Considering such statistics are easily available to a member of Congress, let alone his or her staff, it’s a wonder she never bothered to check. She just assumed “government bureaucrats” were consuming funds reserved for poor people.

A Bachmann spokesman did not respond to a request for comment.

Bachmann made two key errors here. First, she misinterpreted Tanner’s point. Then, she blithely assumed the ratio was applicable to the Food Stamp program when budget data show she’s off by more than a factor of 10 (or a factor of 200, if you just count salaries.)

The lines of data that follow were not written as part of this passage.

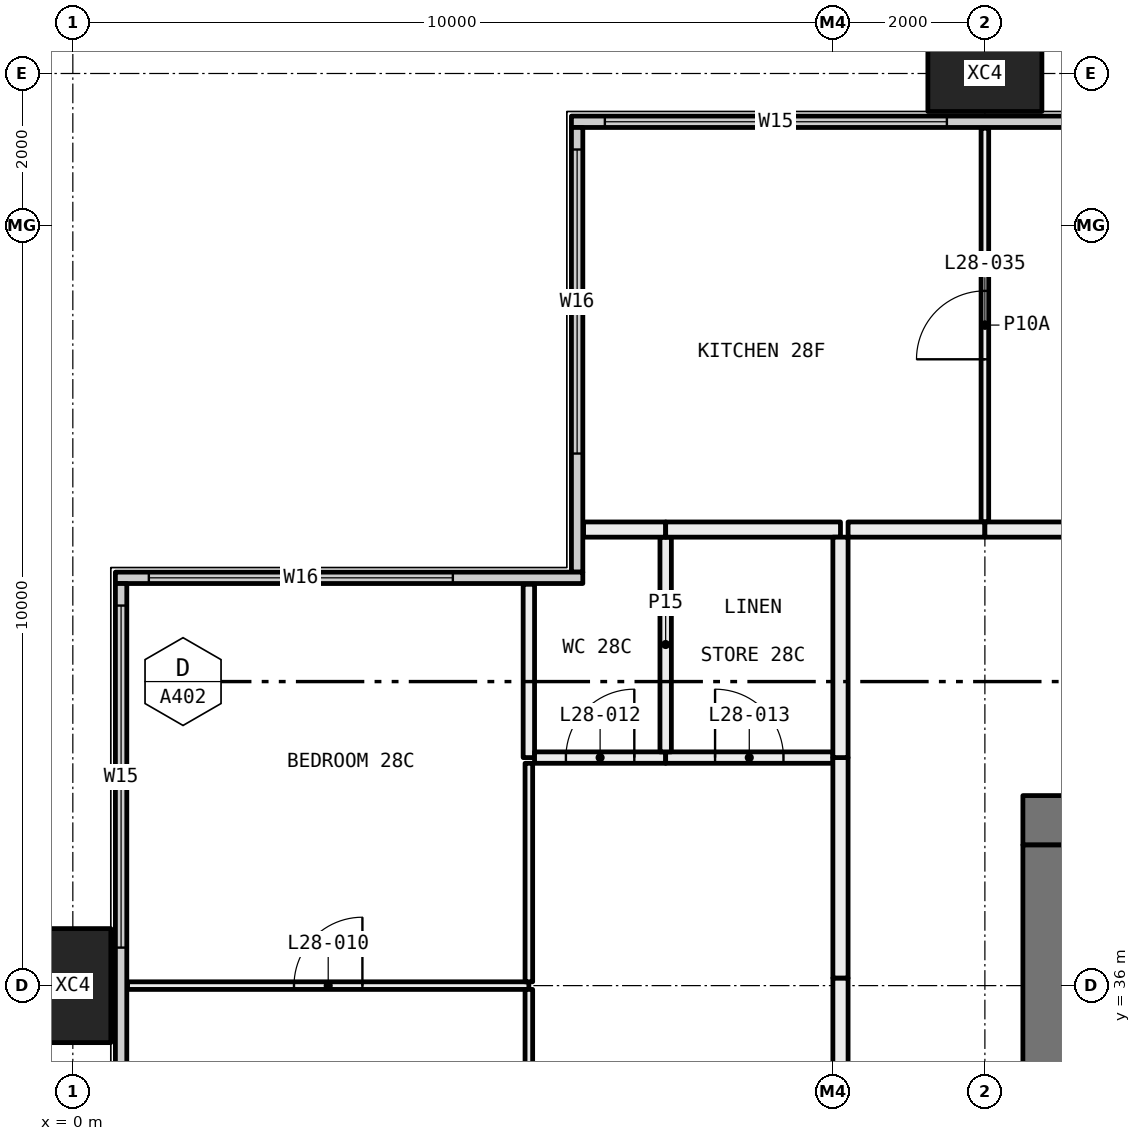
"""IFC4 building model, lengths in metres.
Left out: names, types, materials, properties, quantities, classifications, styles, units other than length and angle.
Written with IfcOpenShell. Run it as: python <this file> out.ifc"""

import sys

from ifc_helpers import new_model, si_unit, direction, frame, frame_2d, origin, origin_2d, place, context, subcontext, project, spatial, rectangle, hollow_rectangle, extrude, element, fill, save


model = new_model("IFC4")
c1 = context("Model", 3, precision=1e-05, world=origin(), true_north=direction((0.0, 1.0)))
c2 = subcontext(c1, "Body", "Model", "MODEL_VIEW")
j1 = project(units=[si_unit("LENGTHUNIT", "METRE"), si_unit("PLANEANGLEUNIT", "RADIAN")], contexts=[c1])
p1 = place(None, origin())
s1 = spatial("IfcSite", under=j1, at=p1, CompositionType="ELEMENT")
p2 = place(p1, origin())
s2 = spatial("IfcBuilding", under=s1, at=p2, CompositionType="ELEMENT")
p3 = place(p2, frame((0.0, 0.0, 110.4)))
s3 = spatial("IfcBuildingStorey", under=s2, at=p3, CompositionType="ELEMENT", Elevation=110.4)
for number, where, z_axis, x_axis in (
    (1, (0.0, 36.0, -0.4), (0.0, 0.0, 1.0), (0.0, 1.0, 0.0)),
    (2, (12.0, 48.0, -0.4), (0.0, 0.0, 1.0), (1.0, 0.0, 0.0)),
):
    element("IfcColumn", number, at=place(p3, frame(where, z_axis=z_axis, x_axis=x_axis)), inside=s3, PredefinedType="COLUMN", context=c2, shape_type="SweptSolid", body=[
        extrude(hollow_rectangle(XDim=1.5, YDim=1.0, WallThickness=0.06, at=origin_2d()), origin(), (0.0, 0.0, 1.0), 3.45),
    ])
p4 = place(p3, frame((6.56, 47.365, 0.0), z_axis=(0.0, 0.0, 1.0), x_axis=(1.0, 0.0, 0.0)))
e3 = element("IfcWall", 3, at=p4, inside=s3, PredefinedType="ELEMENTEDWALL", context=c2, shape_type="SweptSolid", body=[
    extrude(rectangle(XDim=58.88, YDim=0.15, at=frame_2d((29.44, 0.0))), origin(), (0.0, 0.0, 1.0), 3.05),
])
p5 = place(p4, frame((0.44, 0.0, 0.45)))
e4 = element("IfcOpeningElement", 4, at=p5, cuts=e3, PredefinedType="OPENING", context=c2, shape_type="SweptSolid", body=[
    extrude(rectangle(XDim=4.5, YDim=2.55, at=frame_2d((2.25, 1.275))), frame((0.0, 0.085, 0.0), z_axis=(0.0, -1.0, 0.0), x_axis=(1.0, 0.0, 0.0)), (0.0, 0.0, 1.0), 0.17),
])
p6 = place(p4, frame((7.94, 0.0, 0.45)))
e5 = element("IfcOpeningElement", 5, at=p6, cuts=e3, PredefinedType="OPENING", context=c2, shape_type="SweptSolid", body=[
    extrude(rectangle(XDim=3.0, YDim=2.55, at=frame_2d((1.5, 1.275))), frame((0.0, 0.085, 0.0), z_axis=(0.0, -1.0, 0.0), x_axis=(1.0, 0.0, 0.0)), (0.0, 0.0, 1.0), 0.17),
])
p7 = place(p4, frame((11.94, 0.0, 0.45)))
e6 = element("IfcOpeningElement", 6, at=p7, cuts=e3, PredefinedType="OPENING", context=c2, shape_type="SweptSolid", body=[
    extrude(rectangle(XDim=3.0, YDim=2.55, at=frame_2d((1.5, 1.275))), frame((0.0, 0.085, 0.0), z_axis=(0.0, -1.0, 0.0), x_axis=(1.0, 0.0, 0.0)), (0.0, 0.0, 1.0), 0.17),
])
p8 = place(p4, frame((19.94, 0.0, 0.45)))
e7 = element("IfcOpeningElement", 7, at=p8, cuts=e3, PredefinedType="OPENING", context=c2, shape_type="SweptSolid", body=[
    extrude(rectangle(XDim=3.0, YDim=2.55, at=frame_2d((1.5, 1.275))), frame((0.0, 0.085, 0.0), z_axis=(0.0, -1.0, 0.0), x_axis=(1.0, 0.0, 0.0)), (0.0, 0.0, 1.0), 0.17),
])
p9 = place(p4, frame((23.94, 0.0, 0.45)))
e8 = element("IfcOpeningElement", 8, at=p9, cuts=e3, PredefinedType="OPENING", context=c2, shape_type="SweptSolid", body=[
    extrude(rectangle(XDim=2.0, YDim=2.55, at=frame_2d((1.0, 1.275))), frame((0.0, 0.085, 0.0), z_axis=(0.0, -1.0, 0.0), x_axis=(1.0, 0.0, 0.0)), (0.0, 0.0, 1.0), 0.17),
])
p10 = place(p4, frame((31.94, 0.0, 0.45)))
e9 = element("IfcOpeningElement", 9, at=p10, cuts=e3, PredefinedType="OPENING", context=c2, shape_type="SweptSolid", body=[
    extrude(rectangle(XDim=3.0, YDim=2.55, at=frame_2d((1.5, 1.275))), frame((0.0, 0.085, 0.0), z_axis=(0.0, -1.0, 0.0), x_axis=(1.0, 0.0, 0.0)), (0.0, 0.0, 1.0), 0.17),
])
p11 = place(p4, frame((35.94, 0.0, 0.45)))
e10 = element("IfcOpeningElement", 10, at=p11, cuts=e3, PredefinedType="OPENING", context=c2, shape_type="SweptSolid", body=[
    extrude(rectangle(XDim=3.0, YDim=2.55, at=frame_2d((1.5, 1.275))), frame((0.0, 0.085, 0.0), z_axis=(0.0, -1.0, 0.0), x_axis=(1.0, 0.0, 0.0)), (0.0, 0.0, 1.0), 0.17),
])
p12 = place(p4, frame((43.94, 0.0, 0.45)))
e11 = element("IfcOpeningElement", 11, at=p12, cuts=e3, PredefinedType="OPENING", context=c2, shape_type="SweptSolid", body=[
    extrude(rectangle(XDim=3.0, YDim=2.55, at=frame_2d((1.5, 1.275))), frame((0.0, 0.085, 0.0), z_axis=(0.0, -1.0, 0.0), x_axis=(1.0, 0.0, 0.0)), (0.0, 0.0, 1.0), 0.17),
])
p13 = place(p4, frame((47.94, 0.0, 0.45)))
e12 = element("IfcOpeningElement", 12, at=p13, cuts=e3, PredefinedType="OPENING", context=c2, shape_type="SweptSolid", body=[
    extrude(rectangle(XDim=2.0, YDim=2.55, at=frame_2d((1.0, 1.275))), frame((0.0, 0.085, 0.0), z_axis=(0.0, -1.0, 0.0), x_axis=(1.0, 0.0, 0.0)), (0.0, 0.0, 1.0), 0.17),
])
p14 = place(p4, frame((53.94, 0.0, 0.45)))
e13 = element("IfcOpeningElement", 13, at=p14, cuts=e3, PredefinedType="OPENING", context=c2, shape_type="SweptSolid", body=[
    extrude(rectangle(XDim=4.5, YDim=2.55, at=frame_2d((2.25, 1.275))), frame((0.0, 0.085, 0.0), z_axis=(0.0, -1.0, 0.0), x_axis=(1.0, 0.0, 0.0)), (0.0, 0.0, 1.0), 0.17),
])
p15 = place(p3, frame((6.635, 41.44, 0.0), z_axis=(0.0, 0.0, 1.0), x_axis=(0.0, 1.0, 0.0)))
e14 = element("IfcWall", 14, at=p15, inside=s3, PredefinedType="ELEMENTEDWALL", context=c2, shape_type="SweptSolid", body=[
    extrude(rectangle(XDim=5.85, YDim=0.15, at=frame_2d((2.925, 0.0))), origin(), (0.0, 0.0, 1.0), 3.05),
])
p16 = place(p15, frame((1.56, 0.0, 0.45)))
e15 = element("IfcOpeningElement", 15, at=p16, cuts=e14, PredefinedType="OPENING", context=c2, shape_type="SweptSolid", body=[
    extrude(rectangle(XDim=4.0, YDim=2.55, at=frame_2d((2.0, 1.275))), frame((0.0, 0.085, 0.0), z_axis=(0.0, -1.0, 0.0), x_axis=(1.0, 0.0, 0.0)), (0.0, 0.0, 1.0), 0.17),
])
p17 = place(p3, frame((0.56, 41.365, 0.0), z_axis=(0.0, 0.0, 1.0), x_axis=(1.0, 0.0, 0.0)))
e16 = element("IfcWall", 16, at=p17, inside=s3, PredefinedType="ELEMENTEDWALL", context=c2, shape_type="SweptSolid", body=[
    extrude(rectangle(XDim=6.15, YDim=0.15, at=frame_2d((3.075, 0.0))), origin(), (0.0, 0.0, 1.0), 3.05),
])
p18 = place(p17, frame((0.44, 0.0, 0.45)))
e17 = element("IfcOpeningElement", 17, at=p18, cuts=e16, PredefinedType="OPENING", context=c2, shape_type="SweptSolid", body=[
    extrude(rectangle(XDim=4.0, YDim=2.55, at=frame_2d((2.0, 1.275))), frame((0.0, 0.085, 0.0), z_axis=(0.0, -1.0, 0.0), x_axis=(1.0, 0.0, 0.0)), (0.0, 0.0, 1.0), 0.17),
])
p19 = place(p3, frame((0.635, 18.71, 0.0), z_axis=(0.0, 0.0, 1.0), x_axis=(0.0, 1.0, 0.0)))
e18 = element("IfcWall", 18, at=p19, inside=s3, PredefinedType="ELEMENTEDWALL", context=c2, shape_type="SweptSolid", body=[
    extrude(rectangle(XDim=22.58, YDim=0.15, at=frame_2d((11.29, 0.0))), origin(), (0.0, 0.0, 1.0), 3.05),
])
p20 = place(p19, frame((0.29, 0.0, 0.45)))
e19 = element("IfcOpeningElement", 19, at=p20, cuts=e18, PredefinedType="OPENING", context=c2, shape_type="SweptSolid", body=[
    extrude(rectangle(XDim=4.5, YDim=2.55, at=frame_2d((2.25, 1.275))), frame((0.0, 0.085, 0.0), z_axis=(0.0, -1.0, 0.0), x_axis=(1.0, 0.0, 0.0)), (0.0, 0.0, 1.0), 0.17),
])
p21 = place(p19, frame((7.79, 0.0, 0.45)))
e20 = element("IfcOpeningElement", 20, at=p21, cuts=e18, PredefinedType="OPENING", context=c2, shape_type="SweptSolid", body=[
    extrude(rectangle(XDim=3.0, YDim=2.55, at=frame_2d((1.5, 1.275))), frame((0.0, 0.085, 0.0), z_axis=(0.0, -1.0, 0.0), x_axis=(1.0, 0.0, 0.0)), (0.0, 0.0, 1.0), 0.17),
])
p22 = place(p19, frame((11.79, 0.0, 0.45)))
e21 = element("IfcOpeningElement", 21, at=p22, cuts=e18, PredefinedType="OPENING", context=c2, shape_type="SweptSolid", body=[
    extrude(rectangle(XDim=2.0, YDim=2.55, at=frame_2d((1.0, 1.275))), frame((0.0, 0.085, 0.0), z_axis=(0.0, -1.0, 0.0), x_axis=(1.0, 0.0, 0.0)), (0.0, 0.0, 1.0), 0.17),
])
p23 = place(p19, frame((17.79, 0.0, 0.45)))
e22 = element("IfcOpeningElement", 22, at=p23, cuts=e18, PredefinedType="OPENING", context=c2, shape_type="SweptSolid", body=[
    extrude(rectangle(XDim=4.5, YDim=2.55, at=frame_2d((2.25, 1.275))), frame((0.0, 0.085, 0.0), z_axis=(0.0, -1.0, 0.0), x_axis=(1.0, 0.0, 0.0)), (0.0, 0.0, 1.0), 0.17),
])
p24 = place(p3, frame((6.0, 36.0, 0.0), z_axis=(0.0, 0.0, 1.0), x_axis=(-1.0, 0.0, 0.0)))
e23 = element("IfcWall", 23, at=p24, inside=s3, PredefinedType="PARTITIONING", context=c2, shape_type="SweptSolid", body=[
    extrude(rectangle(XDim=5.28, YDim=0.1, at=frame_2d((2.64, 0.0))), origin(), (0.0, 0.0, 1.0), 2.45),
])
p25 = place(p24, frame((2.19, 0.0, 0.0)))
e24 = element("IfcOpeningElement", 24, at=p25, cuts=e23, PredefinedType="OPENING", context=c2, shape_type="SweptSolid", body=[
    extrude(rectangle(XDim=0.9, YDim=2.1, at=frame_2d((0.45, 1.05))), frame((0.0, 0.06, 0.0), z_axis=(0.0, -1.0, 0.0), x_axis=(1.0, 0.0, 0.0)), (0.0, 0.0, 1.0), 0.12),
])
p26 = place(p3, frame((6.0, 25.5, 0.0), z_axis=(0.0, 0.0, 1.0), x_axis=(0.0, 1.0, 0.0)))
e25 = element("IfcWall", 25, at=p26, inside=s3, PredefinedType="PARTITIONING", context=c2, shape_type="SweptSolid", body=[
    extrude(rectangle(XDim=10.45, YDim=0.1, at=frame_2d((5.225, 0.0))), origin(), (0.0, 0.0, 1.0), 2.45),
])
p27 = place(p3, frame((6.0, 36.05, 0.0), z_axis=(0.0, 0.0, 1.0), x_axis=(0.0, 1.0, 0.0)))
e26 = element("IfcWall", 26, at=p27, inside=s3, PredefinedType="PARTITIONING", context=c2, shape_type="SweptSolid", body=[
    extrude(rectangle(XDim=2.875, YDim=0.1, at=frame_2d((1.438, 0.0))), origin(), (0.0, 0.0, 1.0), 2.45),
])
p28 = place(p3, frame((6.0, 39.0, 0.0), z_axis=(0.0, 0.0, 1.0), x_axis=(0.0, 1.0, 0.0)))
e27 = element("IfcWall", 27, at=p28, inside=s3, PredefinedType="PARTITIONING", context=c2, shape_type="SweptSolid", body=[
    extrude(rectangle(XDim=2.28, YDim=0.15, at=frame_2d((1.14, 0.0))), origin(), (0.0, 0.0, 1.0), 3.05),
])
p29 = place(p3, frame((7.8, 39.0, 0.0), z_axis=(0.0, 0.0, 1.0), x_axis=(-1.0, 0.0, 0.0)))
e28 = element("IfcWall", 28, at=p29, inside=s3, PredefinedType="PARTITIONING", context=c2, shape_type="SweptSolid", body=[
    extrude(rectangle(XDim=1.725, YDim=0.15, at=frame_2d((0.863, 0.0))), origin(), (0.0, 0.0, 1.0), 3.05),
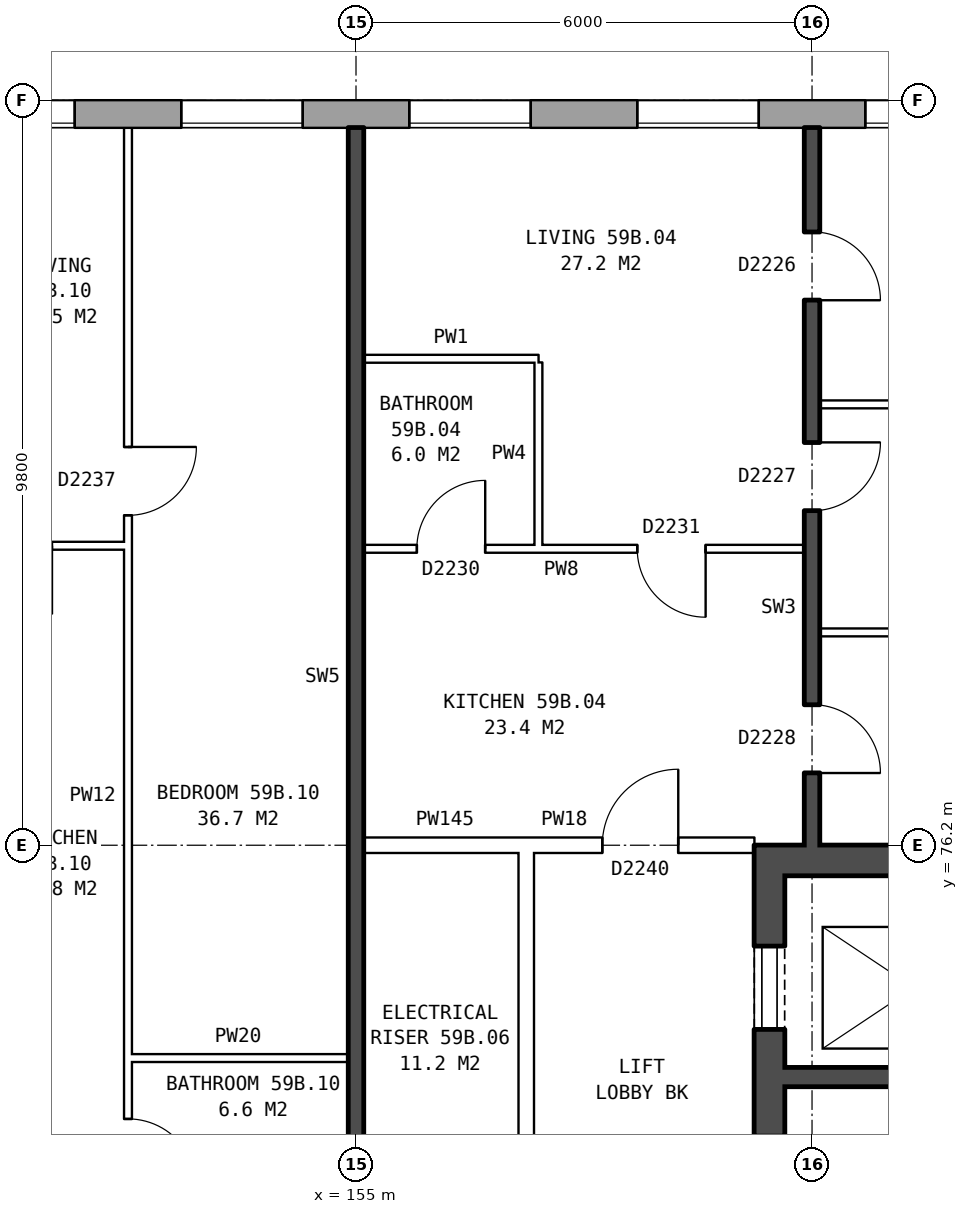
"""IFC4 building model, lengths in metres.
Left out: names, types, materials, properties, quantities, classifications, styles, units other than length and angle.
Written with IfcOpenShell. Run it as: python <this file> out.ifc"""

import sys

from ifc_helpers import new_model, si_unit, direction, frame, frame_2d, origin, place, context, subcontext, project, spatial, rectangle, extrude, element, fill, save


model = new_model("IFC4")
c1 = context("Model", 3, precision=1e-05, world=origin(), true_north=direction((0.0, 1.0)))
c2 = subcontext(c1, "Body", "Model", "MODEL_VIEW")
j1 = project(units=[si_unit("LENGTHUNIT", "METRE"), si_unit("PLANEANGLEUNIT", "RADIAN")], contexts=[c1])
p1 = place(None, origin())
s1 = spatial("IfcSite", under=j1, at=p1, CompositionType="ELEMENT")
p2 = place(p1, origin())
s2 = spatial("IfcBuilding", under=s1, at=p2, CompositionType="ELEMENT")
p3 = place(p2, frame((0.0, 0.0, 209.0)))
s3 = spatial("IfcBuildingStorey", under=s2, at=p3, CompositionType="ELEMENT", Elevation=209.0)
p4 = place(p3, frame((165.925, 85.82, 0.0), z_axis=(0.0, 0.0, 1.0), x_axis=(-1.0, 0.0, 0.0)))
e1 = element("IfcWall", 1, at=p4, inside=s3, PredefinedType="STANDARD", context=c2, shape_type="SweptSolid", body=[
    extrude(rectangle(XDim=33.875, YDim=0.36, at=frame_2d((16.938, 0.0))), origin(), (0.0, 0.0, 1.0), 2.85),
])
p5 = place(p4, frame((2.625, 0.0, 0.8)))
e2 = element("IfcOpeningElement", 2, at=p5, cuts=e1, PredefinedType="OPENING", context=c2, shape_type="SweptSolid", body=[
    extrude(rectangle(XDim=1.6, YDim=1.8, at=frame_2d((0.8, 0.9))), frame((0.0, 0.19, 0.0), z_axis=(0.0, -1.0, 0.0), x_axis=(1.0, 0.0, 0.0)), (0.0, 0.0, 1.0), 0.38),
])
p6 = place(p4, frame((5.625, 0.0, 0.8)))
e3 = element("IfcOpeningElement", 3, at=p6, cuts=e1, PredefinedType="OPENING", context=c2, shape_type="SweptSolid", body=[
    extrude(rectangle(XDim=1.6, YDim=1.8, at=frame_2d((0.8, 0.9))), frame((0.0, 0.19, 0.0), z_axis=(0.0, -1.0, 0.0), x_axis=(1.0, 0.0, 0.0)), (0.0, 0.0, 1.0), 0.38),
])
p7 = place(p4, frame((8.625, 0.0, 0.8)))
e4 = element("IfcOpeningElement", 4, at=p7, cuts=e1, PredefinedType="OPENING", context=c2, shape_type="SweptSolid", body=[
    extrude(rectangle(XDim=1.6, YDim=1.8, at=frame_2d((0.8, 0.9))), frame((0.0, 0.19, 0.0), z_axis=(0.0, -1.0, 0.0), x_axis=(1.0, 0.0, 0.0)), (0.0, 0.0, 1.0), 0.38),
])
p8 = place(p4, frame((11.625, 0.0, 0.8)))
e5 = element("IfcOpeningElement", 5, at=p8, cuts=e1, PredefinedType="OPENING", context=c2, shape_type="SweptSolid", body=[
    extrude(rectangle(XDim=1.6, YDim=1.8, at=frame_2d((0.8, 0.9))), frame((0.0, 0.19, 0.0), z_axis=(0.0, -1.0, 0.0), x_axis=(1.0, 0.0, 0.0)), (0.0, 0.0, 1.0), 0.38),
])
p9 = place(p4, frame((14.625, 0.0, 0.8)))
e6 = element("IfcOpeningElement", 6, at=p9, cuts=e1, PredefinedType="OPENING", context=c2, shape_type="SweptSolid", body=[
    extrude(rectangle(XDim=1.6, YDim=1.8, at=frame_2d((0.8, 0.9))), frame((0.0, 0.19, 0.0), z_axis=(0.0, -1.0, 0.0), x_axis=(1.0, 0.0, 0.0)), (0.0, 0.0, 1.0), 0.38),
])
p10 = place(p4, frame((17.625, 0.0, 0.8)))
e7 = element("IfcOpeningElement", 7, at=p10, cuts=e1, PredefinedType="OPENING", context=c2, shape_type="SweptSolid", body=[
    extrude(rectangle(XDim=1.6, YDim=1.8, at=frame_2d((0.8, 0.9))), frame((0.0, 0.19, 0.0), z_axis=(0.0, -1.0, 0.0), x_axis=(1.0, 0.0, 0.0)), (0.0, 0.0, 1.0), 0.38),
])
p11 = place(p4, frame((20.625, 0.0, 0.8)))
e8 = element("IfcOpeningElement", 8, at=p11, cuts=e1, PredefinedType="OPENING", context=c2, shape_type="SweptSolid", body=[
    extrude(rectangle(XDim=1.6, YDim=1.8, at=frame_2d((0.8, 0.9))), frame((0.0, 0.19, 0.0), z_axis=(0.0, -1.0, 0.0), x_axis=(1.0, 0.0, 0.0)), (0.0, 0.0, 1.0), 0.38),
])
p12 = place(p4, frame((23.625, 0.0, 0.8)))
e9 = element("IfcOpeningElement", 9, at=p12, cuts=e1, PredefinedType="OPENING", context=c2, shape_type="SweptSolid", body=[
    extrude(rectangle(XDim=1.6, YDim=1.8, at=frame_2d((0.8, 0.9))), frame((0.0, 0.19, 0.0), z_axis=(0.0, -1.0, 0.0), x_axis=(1.0, 0.0, 0.0)), (0.0, 0.0, 1.0), 0.38),
])
p13 = place(p4, frame((26.625, 0.0, 0.8)))
e10 = element("IfcOpeningElement", 10, at=p13, cuts=e1, PredefinedType="OPENING", context=c2, shape_type="SweptSolid", body=[
    extrude(rectangle(XDim=1.6, YDim=1.8, at=frame_2d((0.8, 0.9))), frame((0.0, 0.19, 0.0), z_axis=(0.0, -1.0, 0.0), x_axis=(1.0, 0.0, 0.0)), (0.0, 0.0, 1.0), 0.38),
])
p14 = place(p4, frame((30.925, 0.0, 1.1)))
e11 = element("IfcOpeningElement", 11, at=p14, cuts=e1, PredefinedType="OPENING", context=c2, shape_type="SweptSolid", body=[
    extrude(rectangle(XDim=0.8, YDim=1.5, at=frame_2d((0.4, 0.75))), frame((0.0, 0.19, 0.0), z_axis=(0.0, -1.0, 0.0), x_axis=(1.0, 0.0, 0.0)), (0.0, 0.0, 1.0), 0.38),
])
p15 = place(p4, frame((32.025, 0.0, 0.8)))
e12 = element("IfcOpeningElement", 12, at=p15, cuts=e1, PredefinedType="OPENING", context=c2, shape_type="SweptSolid", body=[
    extrude(rectangle(XDim=1.4, YDim=1.8, at=frame_2d((0.7, 0.9))), frame((0.0, 0.19, 0.0), z_axis=(0.0, -1.0, 0.0), x_axis=(1.0, 0.0, 0.0)), (0.0, 0.0, 1.0), 0.38),
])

I really can't figure out how she stays in office. I can only assume the people that keep voting for her like to look for interesting shapes in their bowel movements and say their favorite food is "puh-sketti," and somehow a lot of them ended up clustered in one general area.

Back in the Saddle

Hard to believe I let a year go by without actually writing anything here. As it happens, I got pulled into full-time political writing for a very large, time-consuming organization, and didn't really want to mix business and pleasure. But now that the campaign is over, and I'm back on the couch looking for something to do, perhaps a resurrection of the Great Unread Buck is in order. Let's see if this time it sticks.